COMET Team <br> *Colby Grimes, Colby Chamber, Jonathan Graves, Manas
Mridul, Valeria Zolla*  
2023-07-09

## Outline

### Suggested Prerequisites

-   Introduction to Jupyter
-   Introduction to R

### Prerequisites

-   Introduction to Data in R - Part 1

### Learning Outcomes

In this notebook, you will learn about:

\- Filtering, Segmenting, Combining and Cleaning Data Sets for further
analysis.

\- Reshaping and Presenting Data in different kinds of Tidy-formats as
best suited for your Research Question (RQs)

### References

-   [Introduction to Probability and Statistics Using
    R](https://mran.microsoft.com/snapshot/2018-09-28/web/packages/IPSUR/vignettes/IPSUR.pdf)
-   [DSCI 100 Textbook](https://datasciencebook.ca/index.html)

In [None]:
# Run this cell
source("intro_to_data_tests.r")
# loading in our packages
library(tidyverse)
library(haven)

### Start with loading the WDI data set

The World Development Indicators (WDI) is the primary World Bank
collection of development indicators, compiled from officially
recognized international sources.

We have used World Bank’s DataBank applet to select and import some
macro and development-related time series data for the countries Canada,
India, Mexico, South Africa, and Zimbabwe for years 2014-2022.

In [None]:
# Importing required packages
library(readr)
library(dplyr)
library(tidyr)
library(stringr)

#Loading the CSV file using the URL 
file_path <- "WB_Data/WDI_raw.csv"
wdi <- read_csv(file_path) %>%
  rename(Series_Code = "Series Code", Series_Name = "Series Name",
         Country = "Country Name", Country_Code = "Country Code")

head(wdi, 10)

In [None]:
dim(wdi)

The data frame can be described to be in a long format. Each unique
value in the **`Series_Name`** serves as an index (in addition to
Country Name, Country Code) hence creating distinct rows.

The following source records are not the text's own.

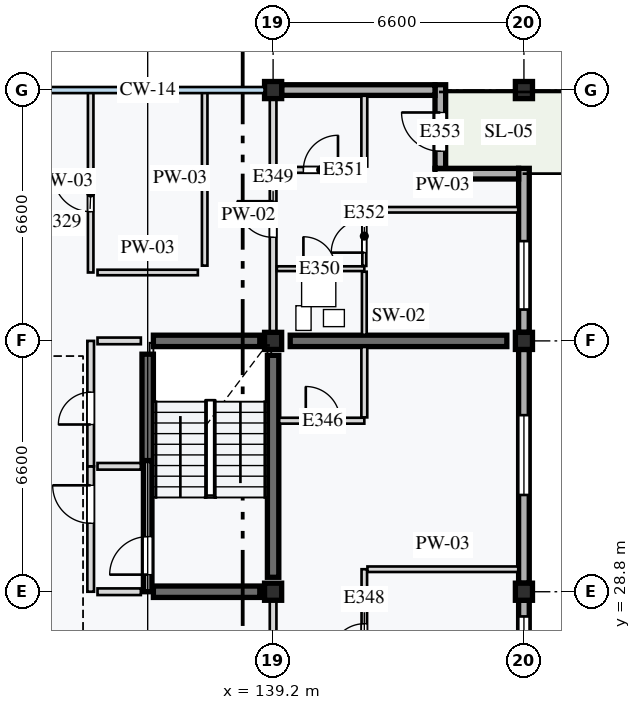
"""IFC4 building model, lengths in metres.
Left out: names, types, materials, properties, quantities, classifications, styles, units other than length and angle.
Written with IfcOpenShell. Run it as: python <this file> out.ifc"""

import sys

from ifc_helpers import new_model, si_unit, direction, frame, frame_2d, origin, origin_2d, place, context, subcontext, project, spatial, rectangle, extrude, element, fill, save


model = new_model("IFC4")
c1 = context("Model", 3, precision=1e-05, world=origin(), true_north=direction((0.0, 1.0)))
c2 = subcontext(c1, "Body", "Model", "MODEL_VIEW")
j1 = project(units=[si_unit("LENGTHUNIT", "METRE"), si_unit("PLANEANGLEUNIT", "RADIAN")], contexts=[c1])
p1 = place(None, origin())
s1 = spatial("IfcSite", under=j1, at=p1, CompositionType="ELEMENT")
p2 = place(p1, origin())
s2 = spatial("IfcBuilding", under=s1, at=p2, CompositionType="ELEMENT")
p3 = place(p2, frame((0.0, 0.0, 27.6)))
s3 = spatial("IfcBuildingStorey", under=s2, at=p3, CompositionType="ELEMENT", Elevation=27.6)
for number, where, z_axis, x_axis in (
    (1, (139.2, 28.8, 0.0), (0.0, 0.0, 1.0), (1.0, 0.0, 0.0)),
    (2, (145.8, 28.8, 0.0), (0.0, 0.0, 1.0), (1.0, 0.0, 0.0)),
    (3, (139.2, 35.4, 0.0), (0.0, 0.0, 1.0), (1.0, 0.0, 0.0)),
    (4, (145.8, 35.4, 0.0), (0.0, 0.0, 1.0), (1.0, 0.0, 0.0)),
    (5, (139.2, 42.0, 0.0), (0.0, 0.0, 1.0), (1.0, 0.0, 0.0)),
    (6, (145.8, 42.0, 0.0), (0.0, 0.0, 1.0), (1.0, 0.0, 0.0)),
):
    element("IfcColumn", number, at=place(p3, frame(where, z_axis=z_axis, x_axis=x_axis)), inside=s3, PredefinedType="COLUMN", context=c2, shape_type="SweptSolid", body=[
        extrude(rectangle(XDim=0.45, YDim=0.45, at=origin_2d()), origin(), (0.0, 0.0, 1.0), 3.2),
    ])
p4 = place(p3, frame((139.2, 29.18, 0.0), z_axis=(0.0, 0.0, 1.0), x_axis=(0.0, 1.0, 0.0)))
e7 = element("IfcWall", 7, at=p4, inside=s3, PredefinedType="SHEAR", context=c2, shape_type="SweptSolid", body=[
    extrude(rectangle(XDim=5.84, YDim=0.3, at=frame_2d((2.92, 0.0))), origin(), (0.0, 0.0, 1.0), 2.97),
])
for number, where, z_axis, x_axis in (
    (8, (135.9, 32.25, 0.0), (0.0, 0.0, 1.0), (0.0, 1.0, 0.0)),
    (9, (136.05, 28.8, 0.0), (0.0, 0.0, 1.0), (1.0, 0.0, 0.0)),
    (10, (136.05, 35.4, 0.0), (0.0, 0.0, 1.0), (1.0, 0.0, 0.0)),
):
    element("IfcWall", number, at=place(p3, frame(where, z_axis=z_axis, x_axis=x_axis)), inside=s3, PredefinedType="SHEAR", context=c2, shape_type="SweptSolid", body=[
        extrude(rectangle(XDim=2.8, YDim=0.3, at=frame_2d((1.4, 0.0))), origin(), (0.0, 0.0, 1.0), 2.97),
    ])
p5 = place(p3, frame((139.65, 35.4, 0.0), z_axis=(0.0, 0.0, 1.0), x_axis=(1.0, 0.0, 0.0)))
e11 = element("IfcWall", 11, at=p5, inside=s3, PredefinedType="SHEAR", context=c2, shape_type="SweptSolid", body=[
    extrude(rectangle(XDim=5.7, YDim=0.3, at=frame_2d((2.85, 0.0))), origin(), (0.0, 0.0, 1.0), 2.97),
])
p6 = place(p3, frame((145.8, 22.425, 0.0), z_axis=(0.0, 0.0, 1.0), x_axis=(0.0, 1.0, 0.0)))
e12 = element("IfcWall", 12, at=p6, inside=s3, PredefinedType="STANDARD", context=c2, shape_type="SweptSolid", body=[
    extrude(rectangle(XDim=6.15, YDim=0.28, at=frame_2d((3.075, 0.0))), origin(), (0.0, 0.0, 1.0), 2.65),
])
p7 = place(p6, frame((0.5, 0.0, 0.85)))
e13 = element("IfcOpeningElement", 13, at=p7, cuts=e12, PredefinedType="OPENING", context=c2, shape_type="SweptSolid", body=[
    extrude(rectangle(XDim=1.8, YDim=1.35, at=frame_2d((0.9, 0.675))), frame((0.0, 0.15, 0.0), z_axis=(0.0, -1.0, 0.0), x_axis=(1.0, 0.0, 0.0)), (0.0, 0.0, 1.0), 0.3),
])
p8 = place(p6, frame((3.925, 0.0, 0.85)))
e14 = element("IfcOpeningElement", 14, at=p8, cuts=e12, PredefinedType="OPENING", context=c2, shape_type="SweptSolid", body=[
    extrude(rectangle(XDim=1.8, YDim=1.35, at=frame_2d((0.9, 0.675))), frame((0.0, 0.15, 0.0), z_axis=(0.0, -1.0, 0.0), x_axis=(1.0, 0.0, 0.0)), (0.0, 0.0, 1.0), 0.3),
])
p9 = place(p3, frame((145.8, 29.025, 0.0), z_axis=(0.0, 0.0, 1.0), x_axis=(0.0, 1.0, 0.0)))
e15 = element("IfcWall", 15, at=p9, inside=s3, PredefinedType="STANDARD", context=c2, shape_type="SweptSolid", body=[
    extrude(rectangle(XDim=6.15, YDim=0.28, at=frame_2d((3.075, 0.0))), origin(), (0.0, 0.0, 1.0), 2.65),
])
p10 = place(p9, frame((2.321, 0.0, 0.85)))
e16 = element("IfcOpeningElement", 16, at=p10, cuts=e15, PredefinedType="OPENING", context=c2, shape_type="SweptSolid", body=[
    extrude(rectangle(XDim=2.1, YDim=1.55, at=frame_2d((1.05, 0.775))), frame((0.0, 0.15, 0.0), z_axis=(0.0, -1.0, 0.0), x_axis=(1.0, 0.0, 0.0)), (0.0, 0.0, 1.0), 0.3),
])
p11 = place(p3, frame((145.8, 35.625, 0.0), z_axis=(0.0, 0.0, 1.0), x_axis=(0.0, 1.0, 0.0)))
e17 = element("IfcWall", 17, at=p11, inside=s3, PredefinedType="STANDARD", context=c2, shape_type="SweptSolid", body=[
    extrude(rectangle(XDim=4.315, YDim=0.28, at=frame_2d((2.157, 0.0))), origin(), (0.0, 0.0, 1.0), 2.65),
])
p12 = place(p11, frame((0.6, 0.0, 0.85)))
e18 = element("IfcOpeningElement", 18, at=p12, cuts=e17, PredefinedType="OPENING", context=c2, shape_type="SweptSolid", body=[
    extrude(rectangle(XDim=1.8, YDim=1.35, at=frame_2d((0.9, 0.675))), frame((0.0, 0.15, 0.0), z_axis=(0.0, -1.0, 0.0), x_axis=(1.0, 0.0, 0.0)), (0.0, 0.0, 1.0), 0.3),
])
p13 = place(p3, frame((145.66, 39.8, 0.0), z_axis=(0.0, 0.0, 1.0), x_axis=(-1.0, 0.0, 0.0)))
e19 = element("IfcWall", 19, at=p13, inside=s3, PredefinedType="STANDARD", context=c2, shape_type="SweptSolid", body=[
    extrude(rectangle(XDim=2.2, YDim=0.28, at=frame_2d((1.1, 0.0))), origin(), (0.0, 0.0, 1.0), 2.97),
])
p14 = place(p3, frame((143.6, 39.94, 0.0), z_axis=(0.0, 0.0, 1.0), x_axis=(0.0, 1.0, 0.0)))
e20 = element("IfcWall", 20, at=p14, inside=s3, PredefinedType="STANDARD", context=c2, shape_type="SweptSolid", body=[
    extrude(rectangle(XDim=2.2, YDim=0.28, at=frame_2d((1.1, 0.0))), origin(), (0.0, 0.0, 1.0), 2.97),
])
p15 = place(p14, frame((0.45, 0.0, 0.0)))
e21 = element("IfcOpeningElement", 21, at=p15, cuts=e20, PredefinedType="OPENING", context=c2, shape_type="SweptSolid", body=[
    extrude(rectangle(XDim=1.02, YDim=2.16, at=frame_2d((0.51, 1.08))), frame((0.0, 0.15, 0.0), z_axis=(0.0, -1.0, 0.0), x_axis=(1.0, 0.0, 0.0)), (0.0, 0.0, 1.0), 0.3),
])
p16 = place(p3, frame((139.425, 42.0, 0.0), z_axis=(0.0, 0.0, 1.0), x_axis=(1.0, 0.0, 0.0)))
e22 = element("IfcWall", 22, at=p16, inside=s3, PredefinedType="STANDARD", context=c2, shape_type="SweptSolid", body=[
    extrude(rectangle(XDim=4.035, YDim=0.28, at=frame_2d((2.018, 0.0))), origin(), (0.0, 0.0, 1.0), 2.65),
])
p17 = place(p3, frame((135.9, 28.8, 0.0), z_axis=(0.0, 0.0, 1.0), x_axis=(0.0, 1.0, 0.0)))
e23 = element("IfcWall", 23, at=p17, inside=s3, PredefinedType="STANDARD", context=c2, shape_type="SweptSolid", body=[
    extrude(rectangle(XDim=3.45, YDim=0.225, at=frame_2d((1.725, 0.0))), origin(), (0.0, 0.0, 1.0), 2.97),
])
p18 = place(p17, frame((0.45, 0.0, 0.0)))
e24 = element("IfcOpeningElement", 24, at=p18, cuts=e23, PredefinedType="OPENING", context=c2, shape_type="SweptSolid", body=[
    extrude(rectangle(XDim=1.0, YDim=2.1, at=frame_2d((0.5, 1.05))), frame((0.0, 0.123, 0.0), z_axis=(0.0, -1.0, 0.0), x_axis=(1.0, 0.0, 0.0)), (0.0, 0.0, 1.0), 0.245),
])
p19 = place(p3, frame((134.4, 28.8, 0.0), z_axis=(0.0, 0.0, 1.0), x_axis=(0.0, 1.0, 0.0)))
e25 = element("IfcWall", 25, at=p19, inside=s3, PredefinedType="PARTITIONING", context=c2, shape_type="SweptSolid", body=[
    extrude(rectangle(XDim=3.3, YDim=0.175, at=frame_2d((1.65, 0.0))), origin(), (0.0, 0.0, 1.0), 2.97),
])
p20 = place(p19, frame((1.8, 0.0, 0.0)))
e26 = element("IfcOpeningElement", 26, at=p20, cuts=e25, PredefinedType="OPENING", context=c2, shape_type="SweptSolid", body=[
    extrude(rectangle(XDim=1.0, YDim=2.16, at=frame_2d((0.5, 1.08))), frame((0.0, 0.097, 0.0), z_axis=(0.0, -1.0, 0.0), x_axis=(1.0, 0.0, 0.0)), (0.0, 0.0, 1.0), 0.195),
])
p21 = place(p3, frame((134.4, 32.1, 0.0), z_axis=(0.0, 0.0, 1.0), x_axis=(0.0, 1.0, 0.0)))
e27 = element("IfcWall", 27, at=p21, inside=s3, PredefinedType="PARTITIONING", context=c2, shape_type="SweptSolid", body=[
    extrude(rectangle(XDim=3.3, YDim=0.175, at=frame_2d((1.65, 0.0))), origin(), (0.0, 0.0, 1.0), 2.97),
])
p22 = place(p21, frame((1.1, 0.0, 0.0)))
e28 = element("IfcOpeningElement", 28, at=p22, cuts=e27, PredefinedType="OPENING", context=c2, shape_type="SweptSolid", body=[
    extrude(rectangle(XDim=0.85, YDim=2.0, at=frame_2d((0.425, 1.0))), frame((0.0, 0.097, 0.0), z_axis=(0.0, -1.0, 0.0), x_axis=(1.0, 0.0, 0.0)), (0.0, 0.0, 1.0), 0.195),
])
for number, where, z_axis, x_axis in (
    (29, (134.58, 28.8, 0.0), (0.0, 0.0, 1.0), (1.0, 0.0, 0.0)),
    (30, (134.58, 32.1, 0.0), (0.0, 0.0, 1.0), (1.0, 0.0, 0.0)),
    (31, (134.58, 35.4, 0.0), (0.0, 0.0, 1.0), (1.0, 0.0, 0.0)),
):
    element("IfcWall", number, at=place(p3, frame(where, z_axis=z_axis, x_axis=x_axis)), inside=s3, PredefinedType="PARTITIONING", context=c2, shape_type="SweptSolid", body=[
        extrude(rectangle(XDim=1.14, YDim=0.175, at=frame_2d((0.57, 0.0))), origin(), (0.0, 0.0, 1.0), 2.97),
    ])
p23 = place(p3, frame((134.4, 37.2, 0.0), z_axis=(0.0, 0.0, 1.0), x_axis=(0.0, 1.0, 0.0)))
e32 = element("IfcWall", 32, at=p23, inside=s3, PredefinedType="PARTITIONING", context=c2, shape_type="SweptSolid", body=[
    extrude(rectangle(XDim=4.8, YDim=0.145, at=frame_2d((2.4, 0.0))), origin(), (0.0, 0.0, 1.0), 2.97),
])
p24 = place(p23, frame((1.6, 0.0, 0.0)))
e33 = element("IfcOpeningElement", 33, at=p24, cuts=e32, PredefinedType="OPENING", context=c2, shape_type="SweptSolid", body=[
    extrude(rectangle(XDim=0.98, YDim=2.12, at=frame_2d((0.49, 1.06))), frame((0.0, 0.083, 0.0), z_axis=(0.0, -1.0, 0.0), x_axis=(1.0, 0.0, 0.0)), (0.0, 0.0, 1.0), 0.165),
])
p25 = place(p3, frame((137.4, 37.38, 0.0), z_axis=(0.0, 0.0, 1.0), x_axis=(0.0, 1.0, 0.0)))
e34 = element("IfcWall", 34, at=p25, inside=s3, PredefinedType="PARTITIONING", context=c2, shape_type="SweptSolid", body=[
    extrude(rectangle(XDim=4.6, YDim=0.145, at=frame_2d((2.3, 0.0))), origin(), (0.0, 0.0, 1.0), 2.97),
])
p26 = place(p3, frame((134.58, 37.2, 0.0), z_axis=(0.0, 0.0, 1.0), x_axis=(1.0, 0.0, 0.0)))
e35 = element("IfcWall", 35, at=p26, inside=s3, PredefinedType="PARTITIONING", context=c2, shape_type="SweptSolid", body=[
    extrude(rectangle(XDim=2.64, YDim=0.145, at=frame_2d((1.32, 0.0))), origin(), (0.0, 0.0, 1.0), 2.97),
])
p27 = place(p3, frame((139.2, 22.2, 0.0), z_axis=(0.0, 0.0, 1.0), x_axis=(0.0, 1.0, 0.0)))
e36 = element("IfcWall", 36, at=p27, inside=s3, PredefinedType="PARTITIONING", context=c2, shape_type="SweptSolid", body=[
    extrude(rectangle(XDim=6.6, YDim=0.175, at=frame_2d((3.3, 0.0))), origin(), (0.0, 0.0, 1.0), 2.55),
])
p28 = place(p27, frame((3.85, 0.0, 0.0)))
e37 = element("IfcOpeningElement", 37, at=p28, cuts=e36, PredefinedType="OPENING", context=c2, shape_type="SweptSolid", body=[
    extrude(rectangle(XDim=0.95, YDim=2.1, at=frame_2d((0.475, 1.05))), frame((0.0, 0.097, 0.0), z_axis=(0.0, -1.0, 0.0), x_axis=(1.0, 0.0, 0.0)), (0.0, 0.0, 1.0), 0.195),
])
p29 = place(p3, frame((139.36, 33.3, 0.0), z_axis=(0.0, 0.0, 1.0), x_axis=(1.0, 0.0, 0.0)))
e38 = element("IfcWall", 38, at=p29, inside=s3, PredefinedType="PARTITIONING", context=c2, shape_type="SweptSolid", body=[
    extrude(rectangle(XDim=2.24, YDim=0.155, at=frame_2d((1.12, 0.0))), origin(), (0.0, 0.0, 1.0), 2.97),
])
p30 = place(p29, frame((0.7, 0.0, 0.0)))
e39 = element("IfcOpeningElement", 39, at=p30, cuts=e38, PredefinedType="OPENING", context=c2, shape_type="SweptSolid", body=[
    extrude(rectangle(XDim=0.9, YDim=2.16, at=frame_2d((0.45, 1.08))), frame((0.0, 0.087, 0.0), z_axis=(0.0, -1.0, 0.0), x_axis=(1.0, 0.0, 0.0)), (0.0, 0.0, 1.0), 0.175),
])
p31 = place(p3, frame((141.6, 33.387, 0.0), z_axis=(0.0, 0.0, 1.0), x_axis=(0.0, 1.0, 0.0)))
e40 = element("IfcWall", 40, at=p31, inside=s3, PredefinedType="PARTITIONING", context=c2, shape_type="SweptSolid", body=[
    extrude(rectangle(XDim=1.853, YDim=0.155, at=frame_2d((0.926, 0.0))), origin(), (0.0, 0.0, 1.0), 2.97),
])
p32 = place(p3, frame((141.6, 25.532, 0.0), z_axis=(0.0, 0.0, 1.0), x_axis=(0.0, 1.0, 0.0)))
e41 = element("IfcWall", 41, at=p32, inside=s3, PredefinedType="PARTITIONING", context=c2, shape_type="SweptSolid", body=[
    extrude(rectangle(XDim=3.86, YDim=0.145, at=frame_2d((1.93, 0.0))), origin(), (0.0, 0.0, 1.0), 2.97),
])
p33 = place(p32, frame((1.546, 0.0, 0.0)))
e42 = element("IfcOpeningElement", 42, at=p33, cuts=e41, PredefinedType="OPENING", context=c2, shape_type="SweptSolid", body=[
    extrude(rectangle(XDim=0.88, YDim=2.1, at=frame_2d((0.44, 1.05))), frame((0.0, 0.083, 0.0), z_axis=(0.0, -1.0, 0.0), x_axis=(1.0, 0.0, 0.0)), (0.0, 0.0, 1.0), 0.165),
])
p34 = place(p3, frame((141.683, 29.392, 0.0), z_axis=(0.0, 0.0, 1.0), x_axis=(1.0, 0.0, 0.0)))
e43 = element("IfcWall", 43, at=p34, inside=s3, PredefinedType="PARTITIONING", context=c2, shape_type="SweptSolid", body=[
    extrude(rectangle(XDim=3.967, YDim=0.145, at=frame_2d((1.984, 0.0))), origin(), (0.0, 0.0, 1.0), 2.97),
])
p35 = place(p3, frame((139.2, 35.4, 0.0), z_axis=(0.0, 0.0, 1.0), x_axis=(0.0, 1.0, 0.0)))
e44 = element("IfcWall", 44, at=p35, inside=s3, PredefinedType="PARTITIONING", context=c2, shape_type="SweptSolid", body=[
    extrude(rectangle(XDim=6.6, YDim=0.175, at=frame_2d((3.3, 0.0))), origin(), (0.0, 0.0, 1.0), 2.55),
])
p36 = place(p35, frame((2.725, 0.0, 0.0)))
e45 = element("IfcOpeningElement", 45, at=p36, cuts=e44, PredefinedType="OPENING", context=c2, shape_type="SweptSolid", body=[
    extrude(rectangle(XDim=0.95, YDim=2.16, at=frame_2d((0.475, 1.08))), frame((0.0, 0.097, 0.0), z_axis=(0.0, -1.0, 0.0), x_axis=(1.0, 0.0, 0.0)), (0.0, 0.0, 1.0), 0.195),
])
p37 = place(p3, frame((139.298, 37.3, 0.0), z_axis=(0.0, 0.0, 1.0), x_axis=(1.0, 0.0, 0.0)))
e46 = element("IfcWall", 46, at=p37, inside=s3, PredefinedType="PARTITIONING", context=c2, shape_type="SweptSolid", body=[
    extrude(rectangle(XDim=2.302, YDim=0.125, at=frame_2d((1.151, 0.0))), origin(), (0.0, 0.0, 1.0), 2.97),
])
p38 = place(p37, frame((0.7, 0.0, 0.0)))
e47 = element("IfcOpeningElement", 47, at=p38, cuts=e46, PredefinedType="OPENING", context=c2, shape_type="SweptSolid", body=[
    extrude(rectangle(XDim=0.84, YDim=2.06, at=frame_2d((0.42, 1.03))), frame((0.0, 0.073, 0.0), z_axis=(0.0, -1.0, 0.0), x_axis=(1.0, 0.0, 0.0)), (0.0, 0.0, 1.0), 0.145),
])
p39 = place(p3, frame((141.6, 35.56, 0.0), z_axis=(0.0, 0.0, 1.0), x_axis=(0.0, 1.0, 0.0)))
e48 = element("IfcWall", 48, at=p39, inside=s3, PredefinedType="PARTITIONING", context=c2, shape_type="SweptSolid", body=[
    extrude(rectangle(XDim=1.66, YDim=0.125, at=frame_2d((0.83, 0.0))), origin(), (0.0, 0.0, 1.0), 2.97),
])
p40 = place(p3, frame((139.298, 39.9, 0.0), z_axis=(0.0, 0.0, 1.0), x_axis=(1.0, 0.0, 0.0)))
e49 = element("IfcWall", 49, at=p40, inside=s3, PredefinedType="PARTITIONING", context=c2, shape_type="SweptSolid", body=[
    extrude(rectangle(XDim=2.302, YDim=0.155, at=frame_2d((1.151, 0.0))), origin(), (0.0, 0.0, 1.0), 2.97),
])
p41 = place(p40, frame((0.7, 0.0, 0.0)))
e50 = element("IfcOpeningElement", 50, at=p41, cuts=e49, PredefinedType="OPENING", context=c2, shape_type="SweptSolid", body=[
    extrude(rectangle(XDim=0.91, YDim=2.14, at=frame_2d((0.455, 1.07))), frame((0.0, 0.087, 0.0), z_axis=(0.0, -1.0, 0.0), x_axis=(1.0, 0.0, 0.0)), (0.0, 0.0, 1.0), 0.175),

A simpler version of the data frame in a **wide-format** could look like
this:

1.  Canada, 2017, Var A, Var B, Var C
2.  Canada, 2018, Var A, Var B, Var C

Meanwhile, one way of representing the same data in a **long-format**
looks like this:

1.  Canada, Var A, 2017, 2018
2.  Canada, Var B, 2017, 2018
3.  Canada, Var C, 2018, 2018

Do you now see the difference in the two ways of representing the same
data?

> While we don’t cover it in this notebook, switching between long and
> wide formats is can be quite useful sometimes.
>
> For example, when you want to either aggregate values (eg. over
> years*)* or compute a new variable using two or more variables, having
> your data frame in a shape that best suits your *data-wrangling*
> skills becomes essential.

While `Series Name` contains descriptions for each of the series in the
data frame, `Series Code` offers a handy way to group related series (or
call them variables).

Our `Series Code`s follow a taxonomy system. For example, any code
starting with `AG` belongs to a *family of series* related to the state
of agriculture in the world countries.

In [None]:
#Let's see the unique Series Families and Series Names contained within
Series_Families <- wdi %>%
  mutate(Series_Family = substr(`Series_Code`, 1, 2)) %>% #substring first two chars
  group_by(Series_Family) %>% #group by unique vals
  summarize(Series_Names_Under_Family = paste(unique(`Series_Name`), collapse = ", ")) #For each family, find and paste ALL the Series names in the "cell"

head(Series_Families, 13)

If we had to prepare a *tidy* data frame comparing the state of *Access
to Institutions* within the countries, we would look towards Series with
codes beginning with `SE` (Schooling), `FX` (Financial Institutions) and
`EG` (Electricity).

Let’s now create a new data called `access_wdi`.

In [None]:
prefixes <- c("SE", "EG", "FX")

access_wdi <- wdi %>% filter(str_detect(`Series_Code`, str_c("^", prefixes, collapse = "|")))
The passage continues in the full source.